BNI Resmi Transfer Balik Seluruh Dana Gereja Katolik Aek Nabara Rp28 Miliar

- BNI resmi mengembalikan seluruh dana CU Paroki Aek Nabara senilai total Rp28,25 miliar yang sebelumnya diselewengkan oleh mantan Kepala Kas BNI Unit Aek Nabara.
- Direktur Human Capital dan Compliance BNI menyampaikan permintaan maaf serta harapan agar kepercayaan masyarakat terhadap bank dapat pulih setelah kasus ini terselesaikan.
- Bendahara CU Gereja Katolik Aek Nabara, Suster Natalia, mengapresiasi penyelesaian penuh dari BNI dan berharap kejadian ini menjadi pelajaran untuk memperbaiki tata kelola serta hubungan ke depan.

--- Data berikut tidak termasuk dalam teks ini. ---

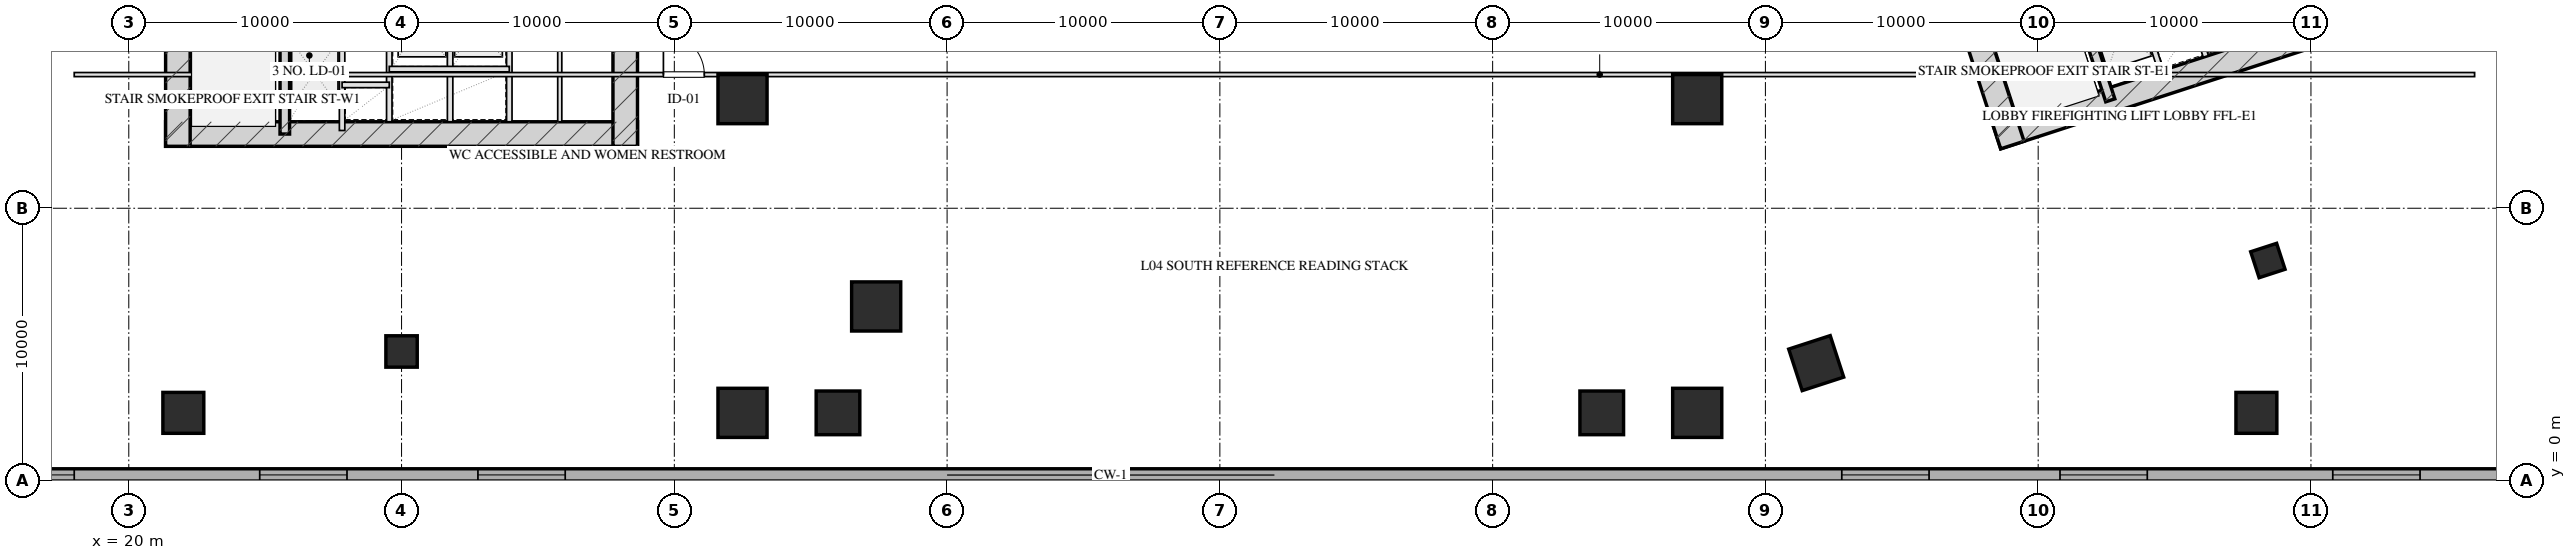
"""IFC4 building model, lengths in metres.
Left out: names, types, materials, properties, quantities, classifications, styles, units other than length and angle.
Written with IfcOpenShell. Run it as: python <this file> out.ifc"""

import sys

from ifc_helpers import new_model, si_unit, direction, frame, frame_2d, origin, origin_2d, place, context, subcontext, project, spatial, rectangle, hollow_rectangle, extrude, element, fill, save


model = new_model("IFC4")
c1 = context("Model", 3, precision=1e-05, world=origin(), true_north=direction((0.0, 1.0)))
c2 = subcontext(c1, "Body", "Model", "MODEL_VIEW")
j1 = project(units=[si_unit("LENGTHUNIT", "METRE"), si_unit("PLANEANGLEUNIT", "RADIAN")], contexts=[c1])
p1 = place(None, origin())
s1 = spatial("IfcSite", under=j1, at=p1, CompositionType="ELEMENT")
p2 = place(p1, origin())
s2 = spatial("IfcBuilding", under=s1, at=p2, CompositionType="ELEMENT")
p3 = place(p2, frame((0.0, 0.0, 22.0)))
s3 = spatial("IfcBuildingStorey", under=s2, at=p3, CompositionType="ELEMENT", Elevation=22.0)
p4 = place(p3, frame((21.35, 12.72, 0.0), z_axis=(0.0, 0.0, 1.0), x_axis=(1.0, 0.0, 0.0)))
e1 = element("IfcWall", 1, at=p4, inside=s3, PredefinedType="SHEAR", context=c2, shape_type="SweptSolid", body=[
    extrude(rectangle(XDim=17.3, YDim=0.9, at=frame_2d((8.65, 0.0))), origin(), (0.0, 0.0, 1.0), 4.0),
])
for number, where, z_axis, x_axis in (
    (2, (21.8, 22.05, 0.0), (0.0, 0.0, 1.0), (0.0, -1.0, 0.0)),
    (3, (38.2, 22.05, 0.0), (0.0, 0.0, 1.0), (0.0, -1.0, 0.0)),
):
    element("IfcWall", number, at=place(p3, frame(where, z_axis=z_axis, x_axis=x_axis)), inside=s3, PredefinedType="SHEAR", context=c2, shape_type="SweptSolid", body=[
        extrude(rectangle(XDim=9.78, YDim=0.9, at=frame_2d((4.89, 0.0))), origin(), (0.0, 0.0, 1.0), 4.0),
    ])
p5 = place(p3, frame((25.72, 19.7, 0.0), z_axis=(0.0, 0.0, 1.0), x_axis=(0.0, -1.0, 0.0)))
e4 = element("IfcWall", 4, at=p5, inside=s3, PredefinedType="SHEAR", context=c2, shape_type="SweptSolid", body=[
    extrude(rectangle(XDim=6.98, YDim=0.35, at=frame_2d((3.49, 0.0))), origin(), (0.0, 0.0, 1.0), 4.0),
])
p6 = place(p3, frame((88.487, 12.605, 0.0), z_axis=(0.0, 0.0, 1.0), x_axis=(0.951055016115, 0.309021611416, 0.0)))
e5 = element("IfcWall", 5, at=p6, inside=s3, PredefinedType="SHEAR", context=c2, shape_type="SweptSolid", body=[
    extrude(rectangle(XDim=16.7, YDim=0.9, at=frame_2d((8.35, 0.0))), origin(), (0.0, 0.0, 1.0), 4.0),
])
p7 = place(p3, frame((86.032, 21.618, 0.0), z_axis=(0.0, 0.0, 1.0), x_axis=(0.30901438634, -0.951057363693, 0.0)))
e6 = element("IfcWall", 6, at=p7, inside=s3, PredefinedType="SHEAR", context=c2, shape_type="SweptSolid", body=[
    extrude(rectangle(XDim=9.78, YDim=0.9, at=frame_2d((4.89, 0.0))), origin(), (0.0, 0.0, 1.0), 4.0),
])
p8 = place(p3, frame((90.486, 20.594, 0.0), z_axis=(0.0, 0.0, 1.0), x_axis=(0.309020428229, -0.951055400562, 0.0)))
e7 = element("IfcWall", 7, at=p8, inside=s3, PredefinedType="SHEAR", context=c2, shape_type="SweptSolid", body=[
    extrude(rectangle(XDim=6.98, YDim=0.35, at=frame_2d((3.49, 0.0))), origin(), (0.0, 0.0, 1.0), 4.0),
])
p9 = place(p3, frame((22.0, 2.5, 0.0), z_axis=(0.0, 0.0, 1.0), x_axis=(1.0, 0.0, 0.0)))
e8 = element("IfcColumn", 8, at=p9, inside=s3, PredefinedType="COLUMN", context=c2, shape_type="SweptSolid", body=[
    extrude(rectangle(XDim=1.5, YDim=1.5, at=origin_2d()), origin(), (0.0, 0.0, 1.0), 4.001),
])
for number, where, z_axis, x_axis in (
    (9, (42.5, 2.5, 0.0), (0.0, 0.0, 1.0), (1.0, 0.0, 0.0)),
    (10, (42.5, 14.0, 0.0), (0.0, 0.0, 1.0), (1.0, 0.0, 0.0)),
    (11, (77.5, 2.5, 0.0), (0.0, 0.0, 1.0), (1.0, 0.0, 0.0)),
    (12, (77.5, 14.0, 0.0), (0.0, 0.0, 1.0), (1.0, 0.0, 0.0)),
):
    element("IfcColumn", number, at=place(p3, frame(where, z_axis=z_axis, x_axis=x_axis)), inside=s3, PredefinedType="COLUMN", context=c2, shape_type="SweptSolid", body=[
        extrude(hollow_rectangle(XDim=1.8, YDim=1.8, WallThickness=0.06, at=origin_2d()), origin(), (0.0, 0.0, 1.0), 4.001),
    ])
p10 = place(p3, frame((98.0, 2.5, 0.0), z_axis=(0.0, 0.0, 1.0), x_axis=(1.0, 0.0, 0.0)))
e13 = element("IfcColumn", 13, at=p10, inside=s3, PredefinedType="COLUMN", context=c2, shape_type="SweptSolid", body=[
    extrude(rectangle(XDim=1.5, YDim=1.5, at=origin_2d()), origin(), (0.0, 0.0, 1.0), 4.001),
])
for number, where, z_axis, x_axis in (
    (14, (46.0, 2.5, 0.0), (0.0, 0.0, 1.0), (1.0, 0.0, 0.0)),
    (15, (74.0, 2.5, 0.0), (0.0, 0.0, 1.0), (1.0, 0.0, 0.0)),
):
    element("IfcColumn", number, at=place(p3, frame(where, z_axis=z_axis, x_axis=x_axis)), inside=s3, PredefinedType="COLUMN", context=c2, shape_type="SweptSolid", body=[
        extrude(hollow_rectangle(XDim=1.6, YDim=1.6, WallThickness=0.055, at=origin_2d()), origin(), (0.0, 0.0, 1.0), 4.001),
    ])
p11 = place(p3, frame((47.4, 6.4, 0.0), z_axis=(0.0, 0.0, 1.0), x_axis=(1.0, 0.0, 0.0)))
e16 = element("IfcColumn", 16, at=p11, inside=s3, PredefinedType="COLUMN", context=c2, shape_type="SweptSolid", body=[
    extrude(hollow_rectangle(XDim=1.8, YDim=1.8, WallThickness=0.06, at=origin_2d()), origin(), (0.0, 0.0, 1.0), 4.001),
])
p12 = place(p3, frame((30.0, 4.75, 0.0), z_axis=(0.0, 0.0, 1.0), x_axis=(1.0, 0.0, 0.0)))
e17 = element("IfcColumn", 17, at=p12, inside=s3, PredefinedType="COLUMN", context=c2, shape_type="SweptSolid", body=[
    extrude(hollow_rectangle(XDim=1.15, YDim=1.15, WallThickness=0.04, at=origin_2d()), origin(), (0.0, 0.0, 1.0), 4.001),
])
p13 = place(p3, frame((81.863, 4.323, 0.0), z_axis=(0.0, 0.0, 1.0), x_axis=(0.951056516295, 0.309016994375, 0.0)))
e18 = element("IfcColumn", 18, at=p13, inside=s3, PredefinedType="COLUMN", context=c2, shape_type="SweptSolid", body=[
    extrude(hollow_rectangle(XDim=1.6, YDim=1.6, WallThickness=0.055, at=origin_2d()), origin(), (0.0, 0.0, 1.0), 4.001),
])
p14 = place(p3, frame((98.421, 8.084, 0.0), z_axis=(0.0, 0.0, 1.0), x_axis=(0.951056516295, 0.309016994375, 0.0)))
e19 = element("IfcColumn", 19, at=p14, inside=s3, PredefinedType="COLUMN", context=c2, shape_type="SweptSolid", body=[
    extrude(hollow_rectangle(XDim=1.0, YDim=1.0, WallThickness=0.036, at=origin_2d()), origin(), (0.0, 0.0, 1.0), 4.001),
])
p15 = place(p3, frame((120.0, 0.225, 0.0), z_axis=(0.0, 0.0, 1.0), x_axis=(-1.0, 0.0, 0.0)))
e20 = element("IfcWall", 20, at=p15, inside=s3, PredefinedType="SOLIDWALL", context=c2, shape_type="SweptSolid", body=[
    extrude(rectangle(XDim=120.0, YDim=0.45, at=frame_2d((60.0, 0.0))), origin(), (0.0, 0.0, 1.0), 3.78),
])
p16 = place(p15, frame((8.0, 0.0, 0.7)))
e21 = element("IfcOpeningElement", 21, at=p16, cuts=e20, PredefinedType="OPENING", context=c2, shape_type="SweptSolid", body=[
    extrude(rectangle(XDim=3.2, YDim=2.05, at=frame_2d((1.6, 1.025))), frame((0.0, 0.235, 0.0), z_axis=(0.0, -1.0, 0.0), x_axis=(1.0, 0.0, 0.0)), (0.0, 0.0, 1.0), 0.47),
])
p17 = place(p15, frame((16.0, 0.0, 0.7)))
e22 = element("IfcOpeningElement", 22, at=p17, cuts=e20, PredefinedType="OPENING", context=c2, shape_type="SweptSolid", body=[
    extrude(rectangle(XDim=3.2, YDim=2.05, at=frame_2d((1.6, 1.025))), frame((0.0, 0.235, 0.0), z_axis=(0.0, -1.0, 0.0), x_axis=(1.0, 0.0, 0.0)), (0.0, 0.0, 1.0), 0.47),
])
p18 = place(p15, frame((26.0, 0.0, 0.7)))
e23 = element("IfcOpeningElement", 23, at=p18, cuts=e20, PredefinedType="OPENING", context=c2, shape_type="SweptSolid", body=[
    extrude(rectangle(XDim=3.2, YDim=2.05, at=frame_2d((1.6, 1.025))), frame((0.0, 0.235, 0.0), z_axis=(0.0, -1.0, 0.0), x_axis=(1.0, 0.0, 0.0)), (0.0, 0.0, 1.0), 0.47),
])
p19 = place(p15, frame((34.0, 0.0, 0.7)))
e24 = element("IfcOpeningElement", 24, at=p19, cuts=e20, PredefinedType="OPENING", context=c2, shape_type="SweptSolid", body=[
    extrude(rectangle(XDim=3.2, YDim=2.05, at=frame_2d((1.6, 1.025))), frame((0.0, 0.235, 0.0), z_axis=(0.0, -1.0, 0.0), x_axis=(1.0, 0.0, 0.0)), (0.0, 0.0, 1.0), 0.47),
])
p20 = place(p15, frame((84.0, 0.0, 0.7)))
e25 = element("IfcOpeningElement", 25, at=p20, cuts=e20, PredefinedType="OPENING", context=c2, shape_type="SweptSolid", body=[
    extrude(rectangle(XDim=3.2, YDim=2.05, at=frame_2d((1.6, 1.025))), frame((0.0, 0.235, 0.0), z_axis=(0.0, -1.0, 0.0), x_axis=(1.0, 0.0, 0.0)), (0.0, 0.0, 1.0), 0.47),
])
p21 = place(p15, frame((92.0, 0.0, 0.7)))
e26 = element("IfcOpeningElement", 26, at=p21, cuts=e20, PredefinedType="OPENING", context=c2, shape_type="SweptSolid", body=[
    extrude(rectangle(XDim=3.2, YDim=2.05, at=frame_2d((1.6, 1.025))), frame((0.0, 0.235, 0.0), z_axis=(0.0, -1.0, 0.0), x_axis=(1.0, 0.0, 0.0)), (0.0, 0.0, 1.0), 0.47),
])
p22 = place(p15, frame((102.0, 0.0, 0.7)))
e27 = element("IfcOpeningElement", 27, at=p22, cuts=e20, PredefinedType="OPENING", context=c2, shape_type="SweptSolid", body=[
    extrude(rectangle(XDim=3.2, YDim=2.05, at=frame_2d((1.6, 1.025))), frame((0.0, 0.235, 0.0), z_axis=(0.0, -1.0, 0.0), x_axis=(1.0, 0.0, 0.0)), (0.0, 0.0, 1.0), 0.47),
])
p23 = place(p15, frame((110.0, 0.0, 0.7)))
e28 = element("IfcOpeningElement", 28, at=p23, cuts=e20, PredefinedType="OPENING", context=c2, shape_type="SweptSolid", body=[
    extrude(rectangle(XDim=3.2, YDim=2.05, at=frame_2d((1.6, 1.025))), frame((0.0, 0.235, 0.0), z_axis=(0.0, -1.0, 0.0), x_axis=(1.0, 0.0, 0.0)), (0.0, 0.0, 1.0), 0.47),
])
p24 = place(p3, frame((29.55, 21.6, 0.0), z_axis=(0.0, 0.0, 1.0), x_axis=(0.0, -1.0, 0.0)))
e29 = element("IfcWall", 29, at=p24, inside=s3, PredefinedType="PARTITIONING", context=c2, shape_type="SweptSolid", body=[
    extrude(rectangle(XDim=8.43, YDim=0.2, at=frame_2d((4.215, 0.0))), origin(), (0.0, 0.0, 1.0), 3.725),
])
p25 = place(p3, frame((27.82, 16.55, 0.0), z_axis=(0.0, 0.0, 1.0), x_axis=(0.0, -1.0, 0.0)))
e30 = element("IfcWall", 30, at=p25, inside=s3, PredefinedType="PARTITIONING", context=c2, shape_type="SweptSolid", body=[
    extrude(rectangle(XDim=3.7, YDim=0.2, at=frame_2d((1.85, 0.0))), origin(), (0.0, 0.0, 1.0), 3.725),
])
p26 = place(p3, frame((27.82, 14.52, 0.0), z_axis=(0.0, 0.0, 1.0), x_axis=(1.0, 0.0, 0.0)))
e31 = element("IfcWall", 31, at=p26, inside=s3, PredefinedType="PARTITIONING", context=c2, shape_type="SweptSolid", body=[
    extrude(rectangle(XDim=1.73, YDim=0.2, at=frame_2d((0.865, 0.0))), origin(), (0.0, 0.0, 1.0), 3.725),
])
p27 = place(p3, frame((33.95, 21.6, 0.0), z_axis=(0.0, 0.0, 1.0), x_axis=(0.0, -1.0, 0.0)))
e32 = element("IfcWall", 32, at=p27, inside=s3, PredefinedType="PARTITIONING", context=c2, shape_type="SweptSolid", body=[
    extrude(rectangle(XDim=8.43, YDim=0.2, at=frame_2d((4.215, 0.0))), origin(), (0.0, 0.0, 1.0), 3.725),
])
p28 = place(p3, frame((31.78, 18.12, 0.0), z_axis=(0.0, 0.0, 1.0), x_axis=(0.0, -1.0, 0.0)))
e33 = element("IfcWall", 33, at=p28, inside=s3, PredefinedType="PARTITIONING", context=c2, shape_type="SweptSolid", body=[
    extrude(rectangle(XDim=4.95, YDim=0.2, at=frame_2d((2.475, 0.0))), origin(), (0.0, 0.0, 1.0), 3.725),
])
p29 = place(p3, frame((29.55, 15.1, 0.0), z_axis=(0.0, 0.0, 1.0), x_axis=(1.0, 0.0, 0.0)))
e34 = element("IfcWall", 34, at=p29, inside=s3, PredefinedType="PARTITIONING", context=c2, shape_type="SweptSolid", body=[
    extrude(rectangle(XDim=4.4, YDim=0.2, at=frame_2d((2.2, 0.0))), origin(), (0.0, 0.0, 1.0), 3.725),
])
p30 = place(p3, frame((35.8, 18.9, 0.0), z_axis=(0.0, 0.0, 1.0), x_axis=(0.0, -1.0, 0.0)))
e35 = element("IfcWall", 35, at=p30, inside=s3, PredefinedType="PARTITIONING", context=c2, shape_type="SweptSolid", body=[
    extrude(rectangle(XDim=5.73, YDim=0.15, at=frame_2d((2.865, 0.0))), origin(), (0.0, 0.0, 1.0), 3.725),
])
p31 = place(p3, frame((93.542, 23.585, 0.0), z_axis=(0.0, 0.0, 1.0), x_axis=(0.309042196757, -0.951048327176, 0.0)))
e36 = element("IfcWall", 36, at=p31, inside=s3, PredefinedType="PARTITIONING", context=c2, shape_type="SweptSolid", body=[
    extrude(rectangle(XDim=8.43, YDim=0.2, at=frame_2d((4.215, 0.0))), origin(), (0.0, 0.0, 1.0), 3.725),
])
p32 = place(p3, frame((93.457, 18.247, 0.0), z_axis=(0.0, 0.0, 1.0), x_axis=(0.3089935693, -0.951064127245, 0.0)))
e37 = element("IfcWall", 37, at=p32, inside=s3, PredefinedType="PARTITIONING", context=c2, shape_type="SweptSolid", body=[
    extrude(rectangle(XDim=3.7, YDim=0.2, at=frame_2d((1.85, 0.0))), origin(), (0.0, 0.0, 1.0), 3.725),
])
p33 = place(p3, frame((18.0, 14.9, 0.0), z_axis=(0.0, 0.0, 1.0), x_axis=(1.0, 0.0, 0.0)))
e38 = element("IfcWall", 38, at=p33, inside=s3, PredefinedType="PARTITIONING", context=c2, shape_type="SweptSolid", body=[
    extrude(rectangle(XDim=88.0, YDim=0.15, at=frame_2d((44.0, 0.0))), origin(), (0.0, 0.0, 1.0), 2.615),
])
p34 = place(p33, frame((21.6, 0.0, 0.0)))
e39 = element("IfcOpeningElement", 39, at=p34, cuts=e38, PredefinedType="OPENING", context=c2, shape_type="SweptSolid", body=[
    extrude(rectangle(XDim=1.5, YDim=2.05, at=frame_2d((0.75, 1.025))), frame((0.0, 0.085, 0.0), z_axis=(0.0, -1.0, 0.0), x_axis=(1.0, 0.0, 0.0)), (0.0, 0.0, 1.0), 0.17),
])
p35 = place(p17, origin())
e40 = element("IfcWindow", 40, at=p35, inside=s3, PartitioningType="TRIPLE_PANEL_VERTICAL", PredefinedType="WINDOW", context=c2, shape_type="SweptSolid", body=[
    extrude(rectangle(XDim=3.2, YDim=2.05, at=frame_2d((1.6, 1.025))), frame((0.0, 0.03, 0.0), z_axis=(0.0, -1.0, 0.0), x_axis=(1.0, 0.0, 0.0)), (0.0, 0.0, 1.0), 0.06),
])
fill(e22, e40)
p36 = place(p18, origin())
e41 = element("IfcWindow", 41, at=p36, inside=s3, PartitioningType="TRIPLE_PANEL_VERTICAL", PredefinedType="WINDOW", context=c2, shape_type="SweptSolid", body=[
    extrude(rectangle(XDim=3.2, YDim=2.05, at=frame_2d((1.6, 1.025))), frame((0.0, 0.03, 0.0), z_axis=(0.0, -1.0, 0.0), x_axis=(1.0, 0.0, 0.0)), (0.0, 0.0, 1.0), 0.06),
])
fill(e23, e41)
p37 = place(p19, origin())
e42 = element("IfcWindow", 42, at=p37, inside=s3, PartitioningType="TRIPLE_PANEL_VERTICAL", PredefinedType="WINDOW", context=c2, shape_type="SweptSolid", body=[
    extrude(rectangle(XDim=3.2, YDim=2.05, at=frame_2d((1.6, 1.025))), frame((0.0, 0.03, 0.0), z_axis=(0.0, -1.0, 0.0), x_axis=(1.0, 0.0, 0.0)), (0.0, 0.0, 1.0), 0.06),
])
fill(e24, e42)
p38 = place(p20, origin())
e43 = element("IfcWindow", 43, at=p38, inside=s3, PartitioningType="TRIPLE_PANEL_VERTICAL", PredefinedType="WINDOW", context=c2, shape_type="SweptSolid", body=[
    extrude(rectangle(XDim=3.2, YDim=2.05, at=frame_2d((1.6, 1.025))), frame((0.0, 0.03, 0.0), z_axis=(0.0, -1.0, 0.0), x_axis=(1.0, 0.0, 0.0)), (0.0, 0.0, 1.0), 0.06),
])
fill(e25, e43)
p39 = place(p21, origin())
e44 = element("IfcWindow", 44, at=p39, inside=s3, PartitioningType="TRIPLE_PANEL_VERTICAL", PredefinedType="WINDOW", context=c2, shape_type="SweptSolid", body=[
    extrude(rectangle(XDim=3.2, YDim=2.05, at=frame_2d((1.6, 1.025))), frame((0.0, 0.03, 0.0), z_axis=(0.0, -1.0, 0.0), x_axis=(1.0, 0.0, 0.0)), (0.0, 0.0, 1.0), 0.06),
])
fill(e26, e44)
p40 = place(p22, origin())
e45 = element("IfcWindow", 45, at=p40, inside=s3, PartitioningType="TRIPLE_PANEL_VERTICAL", PredefinedType="WINDOW", context=c2, shape_type="SweptSolid", body=[
    extrude(rectangle(XDim=3.2, YDim=2.05, at=frame_2d((1.6, 1.025))), frame((0.0, 0.03, 0.0), z_axis=(0.0, -1.0, 0.0), x_axis=(1.0, 0.0, 0.0)), (0.0, 0.0, 1.0), 0.06),
])
fill(e27, e45)
p41 = place(p34, origin())
e46 = element("IfcDoor", 46, at=p41, inside=s3, OperationType="SINGLE_SWING_LEFT", PredefinedType="DOOR", context=c2, shape_type="SweptSolid", body=[
    extrude(rectangle(XDim=1.5, YDim=2.05, at=frame_2d((0.75, 1.025))), frame((0.0, 0.025, 0.0), z_axis=(0.0, -1.0, 0.0), x_axis=(1.0, 0.0, 0.0)), (0.0, 0.0, 1.0), 0.05),
])
fill(e39, e46)
save(model, sys.argv[1])

Jakarta, FORTUNE - PT Bank Negara Indonesia (BNI) resmi mengembalikan seluruh dana milik anggota Credit Union Paroki Aek Nabara (CU-PAN), Gereja Katolik Paroki Aek Nabara, Kabupaten Labuhanbatu, Sumatra Utara, yang sebelumnya diduga digelapka oleh mantan Kepala Kas BNI Unit Aek Nabara, Andi Hakim Febriansyah.
Direktur Human Capital and Compliance BNI, Munadi Herlambang menyampaikan hari ini BNI telah mengembalikan dana nasabah tersebut sebesar Rp21.257.360.600, melengkapi dana yang sebelumnya sudah ditransfer sebesar Rp7 miliar.
"Dengan demikian total dana yang telah dikembalikan mencapai Rp28.257.360.600 sehingga proses pengembalian dana telah tuntas," ujarnya dalam konferensi pers di Grha BNI, Jakarta Selatan, Rabu (22/4).
Ia juga menyampaikan terima kasih atas kesabaran dan kerja sama seluruh pihak selama proses penyelesaian berlangsung. BNI menyampaikan permohonan maaf kepada umat Paroki Aek Nabara serta seluruh umat Katolik, dan masyarakat Indonesia atas ketidaknyamanan yang timbul akibat kasus tersebut.
"Kami memahami kekhawatiran dan dampak yang dirasakan oleh pihak yang terdampak dalam peristiwa ini," katanya.
Dengan selesaiya pengembalian dana tersebutm BNI berharap kepercayaan masyarakat dapat pulih dan tetap terjaga. Peristiwa ini pun dinilai sebagai pembelajaran. BNi berkomitmen untuk memberikan layanan yang terbaik bagi masyarakat.
Dalam kesempatan yang sama, Bendahara CU Gereja Katolik Aek Nabara, Suster Natalia, menyampaikan apresiasi kepada masyarakat, aparat kepolisian, dan BNI yang turut mendukung proses penyelesaian kasus tersebut.
"Hari ini dengan penuh sukacita kami telah menerima penyelesaian persoalan ini, pembayaran dari Bank Negara Indonesia (BNI) secara full, sesuai apa yang kami tuliskan dalam surat tuntutan kami," ungkapnya.
Ia berharap kejadian ini menjadi pelajaran berharga bagi gereja maupun BNI untuk memperbaiki tata kelola, mempererat hubungan, serta membangun kerja sama yang lebih baik ke depan. Suster Natalia juga menegaskan lembaga perbankan masih menjadi tempat yang aman dan nyaman untuk menyimpan dana.